Robert C. Davenport, 54
Mr. Davenport is Cerberus’ Head of Global Corporate Credit and Distressed Debt. Mr. Davenport is responsible for overseeing and managing Cerberus’ investments in stressed and distressed debt on a global basis. Mr. Davenport is also Chairman of the Corporate Credit Investment Committee. Since joining the firm in 1996, Mr. Davenport has played a significant role in building and establishing Cerberus’ core credit platform, which has invested approximately $30 billion across industries, geographies, and asset classes. In addition, Mr. Davenport has led the investment of multiple billions of capital per year during periods of market dislocation, such as the Asian Financial Crisis and the Great Financial Crisis. Mr. Davenport oversees a team of more than 25 dedicated investment professionals, who cover the United States, Europe, and emerging markets and have significant experience identifying and sourcing investment opportunities. During his tenure, Mr. Davenport has helped Cerberus develop new investment strategies that expand outside its core strategy of investing in stressed and distressed debt.
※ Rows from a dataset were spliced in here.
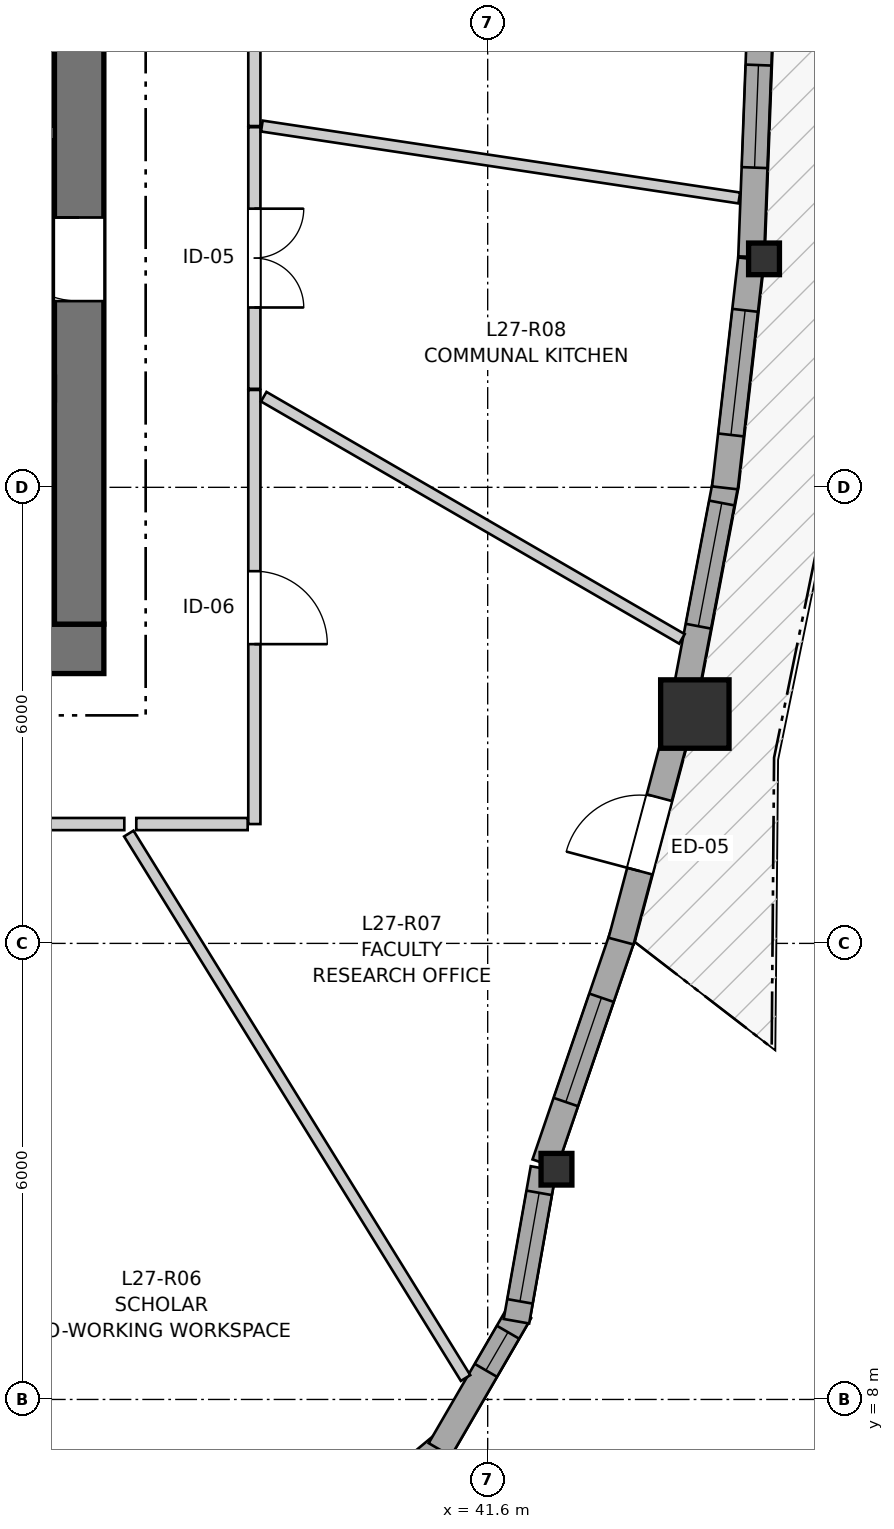
"""IFC4 building model, lengths in metres.
Left out: names, types, materials, properties, quantities, classifications, styles, units other than length and angle.
Written with IfcOpenShell. Run it as: python <this file> out.ifc"""

import sys

from ifc_helpers import new_model, si_unit, direction, frame, frame_2d, origin, origin_2d, place, context, subcontext, project, spatial, rectangle, i_section, extrude, source, transform, mapped, element, fill, save


model = new_model("IFC4")
c1 = context("Model", 3, precision=1e-05, world=origin(), true_north=direction((0.0, 1.0)))
c2 = subcontext(c1, "Body", "Model", "MODEL_VIEW")
j1 = project(units=[si_unit("LENGTHUNIT", "METRE"), si_unit("PLANEANGLEUNIT", "RADIAN")], contexts=[c1])
p1 = place(None, origin())
s1 = spatial("IfcSite", under=j1, at=p1, CompositionType="ELEMENT")
p2 = place(p1, origin())
s2 = spatial("IfcBuilding", under=s1, at=p2, CompositionType="ELEMENT")
p3 = place(p2, frame((0.0, 0.0, 92.8)))
s3 = spatial("IfcBuildingStorey", under=s2, at=p3, CompositionType="ELEMENT", Elevation=92.8)
p4 = place(p3, frame((24.15, 17.875, 0.0), z_axis=(0.0, 0.0, 1.0), x_axis=(1.0, 0.0, 0.0)))
e1 = element("IfcWall", 1, at=p4, inside=s3, PredefinedType="SHEAR", context=c2, shape_type="SweptSolid", body=[
    extrude(rectangle(XDim=12.4, YDim=0.65, at=frame_2d((6.2, 0.0))), origin(), (0.0, 0.0, 1.0), 2.95),
])
p5 = place(p3, frame((36.225, 18.2, 0.0), z_axis=(0.0, 0.0, 1.0), x_axis=(0.0, 1.0, 0.0)))
e2 = element("IfcWall", 2, at=p5, inside=s3, PredefinedType="SHEAR", context=c2, shape_type="SweptSolid", body=[
    extrude(rectangle(XDim=15.6, YDim=0.65, at=frame_2d((7.8, 0.0))), origin(), (0.0, 0.0, 1.0), 2.95),
])
p6 = place(p5, frame((4.25, 0.0, 0.0)))
e3 = element("IfcOpeningElement", 3, at=p6, cuts=e2, PredefinedType="OPENING", context=c2, shape_type="SweptSolid", body=[
    extrude(rectangle(XDim=1.1, YDim=2.15, at=frame_2d((0.55, 1.075))), frame((0.0, 0.335, 0.0), z_axis=(0.0, -1.0, 0.0), x_axis=(1.0, 0.0, 0.0)), (0.0, 0.0, 1.0), 0.67),
])
p7 = place(p5, frame((10.25, 0.0, 0.0)))
e4 = element("IfcOpeningElement", 4, at=p7, cuts=e2, PredefinedType="OPENING", context=c2, shape_type="SweptSolid", body=[
    extrude(rectangle(XDim=1.1, YDim=2.15, at=frame_2d((0.55, 1.075))), frame((0.0, 0.335, 0.0), z_axis=(0.0, -1.0, 0.0), x_axis=(1.0, 0.0, 0.0)), (0.0, 0.0, 1.0), 0.67),
])
p8 = place(p3, frame((24.8, 21.3, 0.0), z_axis=(0.0, 0.0, 1.0), x_axis=(1.0, 0.0, 0.0)))
e5 = element("IfcWall", 5, at=p8, inside=s3, PredefinedType="SHEAR", context=c2, shape_type="SweptSolid", body=[
    extrude(rectangle(XDim=11.1, YDim=0.3, at=frame_2d((5.55, 0.0))), origin(), (0.0, 0.0, 1.0), 2.95),
])
p9 = place(p8, frame((6.22, 0.0, 0.0)))
e6 = element("IfcOpeningElement", 6, at=p9, cuts=e5, PredefinedType="OPENING", context=c2, shape_type="SweptSolid", body=[
    extrude(rectangle(XDim=0.98, YDim=2.15, at=frame_2d((0.49, 1.075))), frame((0.0, 0.16, 0.0), z_axis=(0.0, -1.0, 0.0), x_axis=(1.0, 0.0, 0.0)), (0.0, 0.0, 1.0), 0.32),
])
p10 = place(p8, frame((9.15, 0.0, 0.0)))
e7 = element("IfcOpeningElement", 7, at=p10, cuts=e5, PredefinedType="OPENING", context=c2, shape_type="SweptSolid", body=[
    extrude(rectangle(XDim=1.15, YDim=2.15, at=frame_2d((0.575, 1.075))), frame((0.0, 0.16, 0.0), z_axis=(0.0, -1.0, 0.0), x_axis=(1.0, 0.0, 0.0)), (0.0, 0.0, 1.0), 0.32),
])
m1 = source(origin(), c2, "Body", "SweptSolid", [
    extrude(i_section(OverallWidth=0.406, OverallDepth=0.416, WebThickness=0.027, FlangeThickness=0.044, FilletRadius=0.015, at=origin_2d()), origin(), (0.0, 0.0, 1.0), 2.95),
])
p11 = place(p3, frame((42.505, 11.029, 0.0), z_axis=(0.0, 0.0, 1.0), x_axis=(1.0, 0.0, 0.0)))
e8 = element("IfcColumn", 8, at=p11, inside=s3, PredefinedType="PILASTER", context=c2, shape_type="MappedRepresentation", body=[
    mapped(m1, transform((0.0, 0.0, 0.0), x_axis=(1.0, 0.0, 0.0), y_axis=(0.0, 1.0, 0.0), z_axis=(0.0, 0.0, 1.0), scale=1.0)),
])
m2 = source(origin(), c2, "Body", "SweptSolid", [
    extrude(rectangle(XDim=0.9, YDim=0.9, at=origin_2d()), origin(), (0.0, 0.0, 1.0), 2.95),
])
p12 = place(p3, frame((44.325, 17.017, 0.0), z_axis=(0.0, 0.0, 1.0), x_axis=(1.0, 0.0, 0.0)))
e9 = element("IfcColumn", 9, at=p12, inside=s3, PredefinedType="COLUMN", context=c2, shape_type="MappedRepresentation", body=[
    mapped(m2, transform((0.0, 0.0, 0.0), x_axis=(1.0, 0.0, 0.0), y_axis=(0.0, 1.0, 0.0), z_axis=(0.0, 0.0, 1.0), scale=1.0)),
])
p13 = place(p3, frame((45.236, 23.006, 0.0), z_axis=(0.0, 0.0, 1.0), x_axis=(1.0, 0.0, 0.0)))
e10 = element("IfcColumn", 10, at=p13, inside=s3, PredefinedType="PILASTER", context=c2, shape_type="MappedRepresentation", body=[
    mapped(m1, transform((0.0, 0.0, 0.0), x_axis=(1.0, 0.0, 0.0), y_axis=(0.0, 1.0, 0.0), z_axis=(0.0, 0.0, 1.0), scale=1.0)),
])
p14 = place(p3, frame((39.444, 6.099, 0.0), z_axis=(0.0, 0.0, 1.0), x_axis=(0.768497696041, 0.639852554249, 0.0)))
e11 = element("IfcWall", 11, at=p14, inside=s3, PredefinedType="SOLIDWALL", context=c2, shape_type="SweptSolid", body=[
    extrude(rectangle(XDim=2.099, YDim=0.34, at=frame_2d((1.049, 0.0))), origin(), (0.0, 0.0, 1.0), 2.48),
])
p15 = place(p14, frame((0.574, 0.0, 0.82)))
e12 = element("IfcOpeningElement", 12, at=p15, cuts=e11, PredefinedType="OPENING", context=c2, shape_type="SweptSolid", body=[
    extrude(rectangle(XDim=0.95, YDim=1.35, at=frame_2d((0.475, 0.675))), frame((0.0, 0.18, 0.0), z_axis=(0.0, -1.0, 0.0), x_axis=(1.0, 0.0, 0.0)), (0.0, 0.0, 1.0), 0.36),
])
p16 = place(p3, frame((40.971, 7.34, 0.0), z_axis=(0.0, 0.0, 1.0), x_axis=(0.501902596059, 0.864924149315, 0.0)))
e13 = element("IfcWall", 13, at=p16, inside=s3, PredefinedType="SOLIDWALL", context=c2, shape_type="SweptSolid", body=[
    extrude(rectangle(XDim=2.099, YDim=0.34, at=frame_2d((1.049, 0.0))), origin(), (0.0, 0.0, 1.0), 2.48),
])
p17 = place(p16, frame((1.206, 0.0, 0.82)))
e14 = element("IfcOpeningElement", 14, at=p17, cuts=e13, PredefinedType="OPENING", context=c2, shape_type="SweptSolid", body=[
    extrude(rectangle(XDim=0.58, YDim=1.35, at=frame_2d((0.29, 0.675))), frame((0.0, 0.18, 0.0), z_axis=(0.0, -1.0, 0.0), x_axis=(1.0, 0.0, 0.0)), (0.0, 0.0, 1.0), 0.36),
])
p18 = place(p3, frame((41.978, 9.029, 0.0), z_axis=(0.0, 0.0, 1.0), x_axis=(0.174283452483, 0.984695525627, 0.0)))
e15 = element("IfcWall", 15, at=p18, inside=s3, PredefinedType="SOLIDWALL", context=c2, shape_type="SweptSolid", body=[
    extrude(rectangle(XDim=2.041, YDim=0.34, at=frame_2d((1.021, 0.0))), origin(), (0.0, 0.0, 1.0), 2.48),
])
p19 = place(p18, frame((0.265, 0.0, 0.82)))
e16 = element("IfcOpeningElement", 16, at=p19, cuts=e15, PredefinedType="OPENING", context=c2, shape_type="SweptSolid", body=[
    extrude(rectangle(XDim=1.45, YDim=1.25, at=frame_2d((0.725, 0.625))), frame((0.0, 0.18, 0.0), z_axis=(0.0, -1.0, 0.0), x_axis=(1.0, 0.0, 0.0)), (0.0, 0.0, 1.0), 0.36),
])
p20 = place(p3, frame((42.351, 11.103, 0.0), z_axis=(0.0, 0.0, 1.0), x_axis=(0.323582854182, 0.946199839611, 0.0)))
e17 = element("IfcWall", 17, at=p20, inside=s3, PredefinedType="SOLIDWALL", context=c2, shape_type="SweptSolid", body=[
    extrude(rectangle(XDim=3.182, YDim=0.34, at=frame_2d((1.591, 0.0))), origin(), (0.0, 0.0, 1.0), 2.48),
])
p21 = place(p20, frame((0.856, 0.0, 0.82)))
e18 = element("IfcOpeningElement", 18, at=p21, cuts=e17, PredefinedType="OPENING", context=c2, shape_type="SweptSolid", body=[
    extrude(rectangle(XDim=1.45, YDim=1.25, at=frame_2d((0.725, 0.625))), frame((0.0, 0.18, 0.0), z_axis=(0.0, -1.0, 0.0), x_axis=(1.0, 0.0, 0.0)), (0.0, 0.0, 1.0), 0.36),
])
p22 = place(p3, frame((43.355, 14.03, 0.0), z_axis=(0.0, 0.0, 1.0), x_axis=(0.257056088809, 0.96639648551, 0.0)))
e19 = element("IfcWall", 19, at=p22, inside=s3, PredefinedType="SOLIDWALL", context=c2, shape_type="SweptSolid", body=[
    extrude(rectangle(XDim=2.906, YDim=0.34, at=frame_2d((1.453, 0.0))), origin(), (0.0, 0.0, 1.0), 2.48),
])
p23 = place(p22, frame((0.953, 0.0, 0.0)))
e20 = element("IfcOpeningElement", 20, at=p23, cuts=e19, PredefinedType="OPENING", context=c2, shape_type="SweptSolid", body=[
    extrude(rectangle(XDim=1.0, YDim=2.1, at=frame_2d((0.5, 1.05))), frame((0.0, 0.18, 0.0), z_axis=(0.0, -1.0, 0.0), x_axis=(1.0, 0.0, 0.0)), (0.0, 0.0, 1.0), 0.36),
])
p24 = place(p3, frame((44.201, 17.275, 0.0), z_axis=(0.0, 0.0, 1.0), x_axis=(0.186703550023, 0.982416298933, 0.0)))
e21 = element("IfcWall", 21, at=p24, inside=s3, PredefinedType="SOLIDWALL", context=c2, shape_type="SweptSolid", body=[
    extrude(rectangle(XDim=2.856, YDim=0.34, at=frame_2d((1.428, 0.0))), origin(), (0.0, 0.0, 1.0), 2.48),
])
p25 = place(p24, frame((0.914, 0.0, 0.82)))
e22 = element("IfcOpeningElement", 22, at=p25, cuts=e21, PredefinedType="OPENING", context=c2, shape_type="SweptSolid", body=[
    extrude(rectangle(XDim=1.65, YDim=1.45, at=frame_2d((0.825, 0.725))), frame((0.0, 0.18, 0.0), z_axis=(0.0, -1.0, 0.0), x_axis=(1.0, 0.0, 0.0)), (0.0, 0.0, 1.0), 0.36),
])
p26 = place(p3, frame((44.721, 19.993, 0.0), z_axis=(0.0, 0.0, 1.0), x_axis=(0.113224078967, 0.993569478165, 0.0)))
e23 = element("IfcWall", 23, at=p26, inside=s3, PredefinedType="SOLIDWALL", context=c2, shape_type="SweptSolid", body=[
    extrude(rectangle(XDim=3.032, YDim=0.34, at=frame_2d((1.516, 0.0))), origin(), (0.0, 0.0, 1.0), 2.48),
])
p27 = place(p26, frame((0.701, 0.0, 0.82)))
e24 = element("IfcOpeningElement", 24, at=p27, cuts=e23, PredefinedType="OPENING", context=c2, shape_type="SweptSolid", body=[
    extrude(rectangle(XDim=1.65, YDim=1.45, at=frame_2d((0.825, 0.725))), frame((0.0, 0.18, 0.0), z_axis=(0.0, -1.0, 0.0), x_axis=(1.0, 0.0, 0.0)), (0.0, 0.0, 1.0), 0.36),
])
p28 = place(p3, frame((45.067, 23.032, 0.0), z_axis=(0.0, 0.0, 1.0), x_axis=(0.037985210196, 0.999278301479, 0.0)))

Prior to Cerberus, Mr. Davenport was a principal at Vestar Capital Partners from 1990 to 1994, where he was responsible for identifying, analyzing and executing leveraged buyout opportunities. From 1988 to 1990, Mr. Davenport worked in the mergers and acquisitions group at Drexel Burnham. Mr. Davenport graduated from the University of California. Mr. Davenport is a member of the Board of Trustees for the Crossroads School for Arts and Sciences in Santa Monica, California.